Information extraction / Semantic text analysis
Fraunhofer Institute for Algorithms and Scientific Computing SCAI
Efficient information access is a major challenge in life science research today. As a result, we observe a steadily growing demand to integrate information from various sources and across different disciplines in life sciences.
However, a large fraction of this information is only available in free text format in scientific articles, data base text fields or patents. Moreover, this volume of literature is growing nearly exponentially.
The Fraunhofer Institute SCAI aims to develops text mining methods to support
- Named entity recognition,
- Terminology extraction and classification,
- Relation extraction,
- Condensation, retrieval and search abilities,
- Usability in systematic analysis and interpretation of the experimental data
of relevant terminology and information in the life science field. Processing of text mining data for updating, curation, search, and visualization facilities for end users are indispensable.
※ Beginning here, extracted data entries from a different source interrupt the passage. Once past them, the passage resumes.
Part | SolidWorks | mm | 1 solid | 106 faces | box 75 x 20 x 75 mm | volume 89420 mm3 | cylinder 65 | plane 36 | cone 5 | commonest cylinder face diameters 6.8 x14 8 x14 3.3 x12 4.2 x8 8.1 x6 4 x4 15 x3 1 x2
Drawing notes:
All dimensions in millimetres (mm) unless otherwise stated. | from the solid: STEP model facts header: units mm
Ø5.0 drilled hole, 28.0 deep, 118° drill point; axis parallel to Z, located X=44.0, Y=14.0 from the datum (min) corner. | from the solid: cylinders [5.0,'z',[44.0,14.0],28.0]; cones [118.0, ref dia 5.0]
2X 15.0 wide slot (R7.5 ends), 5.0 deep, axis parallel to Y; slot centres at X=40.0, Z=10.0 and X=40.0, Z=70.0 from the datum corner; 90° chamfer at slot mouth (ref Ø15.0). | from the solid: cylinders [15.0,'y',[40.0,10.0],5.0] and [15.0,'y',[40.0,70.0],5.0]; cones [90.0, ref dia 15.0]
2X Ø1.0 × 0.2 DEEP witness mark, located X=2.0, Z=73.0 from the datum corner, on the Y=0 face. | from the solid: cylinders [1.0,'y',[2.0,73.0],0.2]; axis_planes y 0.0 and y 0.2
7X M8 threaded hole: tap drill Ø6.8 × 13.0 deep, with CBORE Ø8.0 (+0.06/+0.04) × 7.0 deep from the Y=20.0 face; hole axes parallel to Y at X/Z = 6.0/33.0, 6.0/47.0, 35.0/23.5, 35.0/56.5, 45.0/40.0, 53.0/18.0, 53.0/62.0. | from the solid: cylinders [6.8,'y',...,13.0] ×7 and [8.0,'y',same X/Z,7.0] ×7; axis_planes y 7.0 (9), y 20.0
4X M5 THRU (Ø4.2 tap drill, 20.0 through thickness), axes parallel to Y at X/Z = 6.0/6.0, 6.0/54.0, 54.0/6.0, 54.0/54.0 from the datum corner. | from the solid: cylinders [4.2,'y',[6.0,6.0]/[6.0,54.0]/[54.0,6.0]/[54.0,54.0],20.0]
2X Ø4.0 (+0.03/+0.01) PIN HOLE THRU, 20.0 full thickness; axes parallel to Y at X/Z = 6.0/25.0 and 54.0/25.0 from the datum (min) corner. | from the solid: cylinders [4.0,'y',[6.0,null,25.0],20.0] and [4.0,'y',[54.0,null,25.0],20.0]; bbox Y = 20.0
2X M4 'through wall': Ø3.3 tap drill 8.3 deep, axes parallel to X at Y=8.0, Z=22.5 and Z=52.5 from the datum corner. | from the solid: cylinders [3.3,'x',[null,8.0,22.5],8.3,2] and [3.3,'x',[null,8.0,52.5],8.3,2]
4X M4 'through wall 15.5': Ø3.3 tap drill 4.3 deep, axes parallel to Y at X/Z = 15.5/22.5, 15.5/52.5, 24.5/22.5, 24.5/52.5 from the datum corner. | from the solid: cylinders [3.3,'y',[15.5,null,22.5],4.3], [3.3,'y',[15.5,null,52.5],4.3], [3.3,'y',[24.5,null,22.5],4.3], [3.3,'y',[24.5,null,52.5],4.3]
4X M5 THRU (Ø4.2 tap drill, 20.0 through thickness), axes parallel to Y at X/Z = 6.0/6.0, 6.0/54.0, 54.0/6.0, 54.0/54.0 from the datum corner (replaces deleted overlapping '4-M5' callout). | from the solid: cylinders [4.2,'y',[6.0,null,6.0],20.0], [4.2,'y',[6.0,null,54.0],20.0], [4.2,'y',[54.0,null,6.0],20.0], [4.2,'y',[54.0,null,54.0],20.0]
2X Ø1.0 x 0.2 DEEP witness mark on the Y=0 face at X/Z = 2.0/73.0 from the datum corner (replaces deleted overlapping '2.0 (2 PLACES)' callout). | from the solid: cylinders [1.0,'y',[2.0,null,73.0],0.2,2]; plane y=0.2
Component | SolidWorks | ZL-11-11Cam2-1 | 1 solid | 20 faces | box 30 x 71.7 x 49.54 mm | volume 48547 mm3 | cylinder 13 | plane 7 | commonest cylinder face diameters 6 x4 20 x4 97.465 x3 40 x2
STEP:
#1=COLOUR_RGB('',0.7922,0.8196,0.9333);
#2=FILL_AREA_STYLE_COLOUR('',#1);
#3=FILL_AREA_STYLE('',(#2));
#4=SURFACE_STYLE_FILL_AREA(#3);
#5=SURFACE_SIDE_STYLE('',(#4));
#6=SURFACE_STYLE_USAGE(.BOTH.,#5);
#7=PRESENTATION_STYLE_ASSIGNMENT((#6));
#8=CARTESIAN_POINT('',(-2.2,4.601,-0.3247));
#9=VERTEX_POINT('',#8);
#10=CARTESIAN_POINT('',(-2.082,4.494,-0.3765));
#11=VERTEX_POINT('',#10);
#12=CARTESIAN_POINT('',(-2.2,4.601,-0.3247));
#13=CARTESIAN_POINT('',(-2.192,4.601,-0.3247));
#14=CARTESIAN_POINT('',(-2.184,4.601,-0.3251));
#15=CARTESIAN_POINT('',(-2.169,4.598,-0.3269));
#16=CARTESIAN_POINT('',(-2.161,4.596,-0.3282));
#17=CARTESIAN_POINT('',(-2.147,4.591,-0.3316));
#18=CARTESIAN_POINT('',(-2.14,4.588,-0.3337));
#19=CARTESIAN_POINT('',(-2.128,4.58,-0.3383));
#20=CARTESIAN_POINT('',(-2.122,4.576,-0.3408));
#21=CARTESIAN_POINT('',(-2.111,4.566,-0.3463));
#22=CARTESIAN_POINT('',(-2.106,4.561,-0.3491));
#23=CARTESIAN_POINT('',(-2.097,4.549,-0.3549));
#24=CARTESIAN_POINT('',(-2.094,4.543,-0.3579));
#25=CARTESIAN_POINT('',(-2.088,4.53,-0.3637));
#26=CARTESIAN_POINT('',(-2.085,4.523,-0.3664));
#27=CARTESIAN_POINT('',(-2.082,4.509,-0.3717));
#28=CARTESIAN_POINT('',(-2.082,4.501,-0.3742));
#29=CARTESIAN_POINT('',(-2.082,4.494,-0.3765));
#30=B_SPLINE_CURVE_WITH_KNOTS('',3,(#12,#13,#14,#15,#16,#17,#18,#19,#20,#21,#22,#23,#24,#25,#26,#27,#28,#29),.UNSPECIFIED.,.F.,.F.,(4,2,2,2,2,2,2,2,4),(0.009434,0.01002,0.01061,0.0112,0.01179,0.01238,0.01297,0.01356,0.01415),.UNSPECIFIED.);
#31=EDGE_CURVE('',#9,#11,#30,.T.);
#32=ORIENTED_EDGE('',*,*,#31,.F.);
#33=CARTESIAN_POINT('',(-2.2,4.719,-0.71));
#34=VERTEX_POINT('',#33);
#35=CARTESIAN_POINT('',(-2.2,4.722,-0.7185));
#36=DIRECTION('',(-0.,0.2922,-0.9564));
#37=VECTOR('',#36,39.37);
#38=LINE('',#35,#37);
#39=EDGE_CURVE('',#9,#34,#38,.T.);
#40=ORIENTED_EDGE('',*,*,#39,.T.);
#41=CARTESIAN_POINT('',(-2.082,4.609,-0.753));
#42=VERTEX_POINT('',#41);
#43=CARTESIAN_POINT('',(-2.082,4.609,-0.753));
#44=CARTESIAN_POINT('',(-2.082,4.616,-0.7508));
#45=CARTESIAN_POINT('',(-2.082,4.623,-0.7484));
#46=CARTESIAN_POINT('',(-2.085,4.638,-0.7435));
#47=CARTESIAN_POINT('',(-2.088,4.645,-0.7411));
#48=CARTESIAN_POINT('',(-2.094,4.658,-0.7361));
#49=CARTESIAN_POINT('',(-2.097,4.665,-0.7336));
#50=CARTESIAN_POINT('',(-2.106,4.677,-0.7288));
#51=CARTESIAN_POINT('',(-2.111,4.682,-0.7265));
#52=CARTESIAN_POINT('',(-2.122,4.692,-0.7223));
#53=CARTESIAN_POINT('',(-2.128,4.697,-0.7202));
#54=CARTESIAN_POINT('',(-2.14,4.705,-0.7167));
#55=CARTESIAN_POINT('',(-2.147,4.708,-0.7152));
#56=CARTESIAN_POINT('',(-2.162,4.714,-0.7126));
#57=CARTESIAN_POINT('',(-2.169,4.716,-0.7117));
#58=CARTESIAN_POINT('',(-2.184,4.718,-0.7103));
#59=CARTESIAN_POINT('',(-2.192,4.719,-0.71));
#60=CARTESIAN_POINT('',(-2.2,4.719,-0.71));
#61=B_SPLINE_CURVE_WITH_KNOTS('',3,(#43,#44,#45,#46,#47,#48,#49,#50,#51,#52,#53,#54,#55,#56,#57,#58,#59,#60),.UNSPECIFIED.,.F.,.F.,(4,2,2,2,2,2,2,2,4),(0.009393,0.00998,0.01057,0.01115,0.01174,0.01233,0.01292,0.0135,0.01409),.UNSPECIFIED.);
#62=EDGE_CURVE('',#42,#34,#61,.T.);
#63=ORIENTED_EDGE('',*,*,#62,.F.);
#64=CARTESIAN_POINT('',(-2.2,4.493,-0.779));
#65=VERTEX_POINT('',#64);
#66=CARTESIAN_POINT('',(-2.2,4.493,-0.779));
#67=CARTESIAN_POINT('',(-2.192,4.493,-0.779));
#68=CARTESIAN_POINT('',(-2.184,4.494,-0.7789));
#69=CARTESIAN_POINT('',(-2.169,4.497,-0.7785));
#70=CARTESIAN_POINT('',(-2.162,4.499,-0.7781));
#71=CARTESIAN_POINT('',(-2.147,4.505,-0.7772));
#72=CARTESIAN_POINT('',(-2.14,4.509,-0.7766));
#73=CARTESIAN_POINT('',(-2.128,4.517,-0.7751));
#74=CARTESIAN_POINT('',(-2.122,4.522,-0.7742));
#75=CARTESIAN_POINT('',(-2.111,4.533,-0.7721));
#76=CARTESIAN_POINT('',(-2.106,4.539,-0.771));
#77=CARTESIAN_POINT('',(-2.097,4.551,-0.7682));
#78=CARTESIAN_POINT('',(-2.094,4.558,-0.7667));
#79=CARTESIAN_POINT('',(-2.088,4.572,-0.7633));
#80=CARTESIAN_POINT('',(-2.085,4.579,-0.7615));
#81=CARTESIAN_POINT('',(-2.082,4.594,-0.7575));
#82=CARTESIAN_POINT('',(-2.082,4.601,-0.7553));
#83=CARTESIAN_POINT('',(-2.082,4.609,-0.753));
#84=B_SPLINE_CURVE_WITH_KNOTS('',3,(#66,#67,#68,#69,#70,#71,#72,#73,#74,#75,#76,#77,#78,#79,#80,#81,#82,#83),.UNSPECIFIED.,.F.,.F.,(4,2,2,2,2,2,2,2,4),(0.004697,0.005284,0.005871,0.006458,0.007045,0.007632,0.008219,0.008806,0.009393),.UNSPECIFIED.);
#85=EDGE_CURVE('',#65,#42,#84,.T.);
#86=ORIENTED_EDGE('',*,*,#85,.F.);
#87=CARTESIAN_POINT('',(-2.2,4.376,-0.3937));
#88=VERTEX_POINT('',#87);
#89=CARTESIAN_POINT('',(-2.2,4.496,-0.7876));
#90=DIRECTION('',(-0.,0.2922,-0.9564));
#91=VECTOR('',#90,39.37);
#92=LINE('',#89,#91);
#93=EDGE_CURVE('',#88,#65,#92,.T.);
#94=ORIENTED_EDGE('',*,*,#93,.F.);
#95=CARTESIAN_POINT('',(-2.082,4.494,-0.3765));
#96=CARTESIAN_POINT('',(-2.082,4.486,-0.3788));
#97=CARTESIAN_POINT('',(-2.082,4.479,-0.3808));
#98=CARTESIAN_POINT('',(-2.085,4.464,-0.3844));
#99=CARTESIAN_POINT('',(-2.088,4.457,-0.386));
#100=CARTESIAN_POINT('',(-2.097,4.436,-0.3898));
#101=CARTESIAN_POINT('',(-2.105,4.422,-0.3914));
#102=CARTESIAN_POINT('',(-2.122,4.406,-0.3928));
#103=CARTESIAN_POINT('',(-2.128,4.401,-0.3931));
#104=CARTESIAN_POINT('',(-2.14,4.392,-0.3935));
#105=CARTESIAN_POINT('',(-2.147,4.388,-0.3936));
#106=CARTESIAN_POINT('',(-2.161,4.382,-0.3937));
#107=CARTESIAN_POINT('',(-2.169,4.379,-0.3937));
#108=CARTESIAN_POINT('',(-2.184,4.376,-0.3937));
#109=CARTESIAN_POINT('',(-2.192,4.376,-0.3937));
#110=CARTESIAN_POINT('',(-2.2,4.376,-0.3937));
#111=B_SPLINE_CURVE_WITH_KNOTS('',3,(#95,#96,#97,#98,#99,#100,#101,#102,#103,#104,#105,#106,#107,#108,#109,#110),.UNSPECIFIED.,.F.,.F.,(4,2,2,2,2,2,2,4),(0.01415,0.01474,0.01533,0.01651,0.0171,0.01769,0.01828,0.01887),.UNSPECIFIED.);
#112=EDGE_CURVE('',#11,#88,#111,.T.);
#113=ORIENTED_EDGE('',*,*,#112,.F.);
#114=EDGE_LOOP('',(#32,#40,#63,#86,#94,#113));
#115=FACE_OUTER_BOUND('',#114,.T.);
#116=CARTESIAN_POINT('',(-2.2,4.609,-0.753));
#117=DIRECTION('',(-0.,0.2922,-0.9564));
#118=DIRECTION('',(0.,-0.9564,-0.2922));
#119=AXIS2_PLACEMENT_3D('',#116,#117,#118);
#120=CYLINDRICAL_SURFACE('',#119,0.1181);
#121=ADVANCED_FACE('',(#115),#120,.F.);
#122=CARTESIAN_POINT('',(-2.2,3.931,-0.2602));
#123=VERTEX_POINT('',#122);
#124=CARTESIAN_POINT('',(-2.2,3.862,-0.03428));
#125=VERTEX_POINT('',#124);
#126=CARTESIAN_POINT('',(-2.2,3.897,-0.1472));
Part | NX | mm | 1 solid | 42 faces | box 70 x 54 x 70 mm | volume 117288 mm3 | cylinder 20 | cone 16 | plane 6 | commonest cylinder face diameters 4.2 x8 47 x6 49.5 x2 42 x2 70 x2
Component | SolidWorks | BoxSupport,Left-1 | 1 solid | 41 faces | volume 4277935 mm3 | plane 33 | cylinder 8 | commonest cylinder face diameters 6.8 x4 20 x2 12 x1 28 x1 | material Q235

In two projects we develop an information system and web services for different applications (see AIDB, @neurIST).
Integration in the UIMA framework
The Unstructured Information Management Architecture (UIMA) enables interoperability of components to form customizable, powerful work flows. ProMiner with various dictionaries and different instances of CRFs are already integrated in UIMA and can be combined in larger text processing structures. Due to the high amount of processing and storage requirements in this context, we use UIMA to create customizable text- and image-mining solutions on distributed resources in cluster computing as well as to create grid services.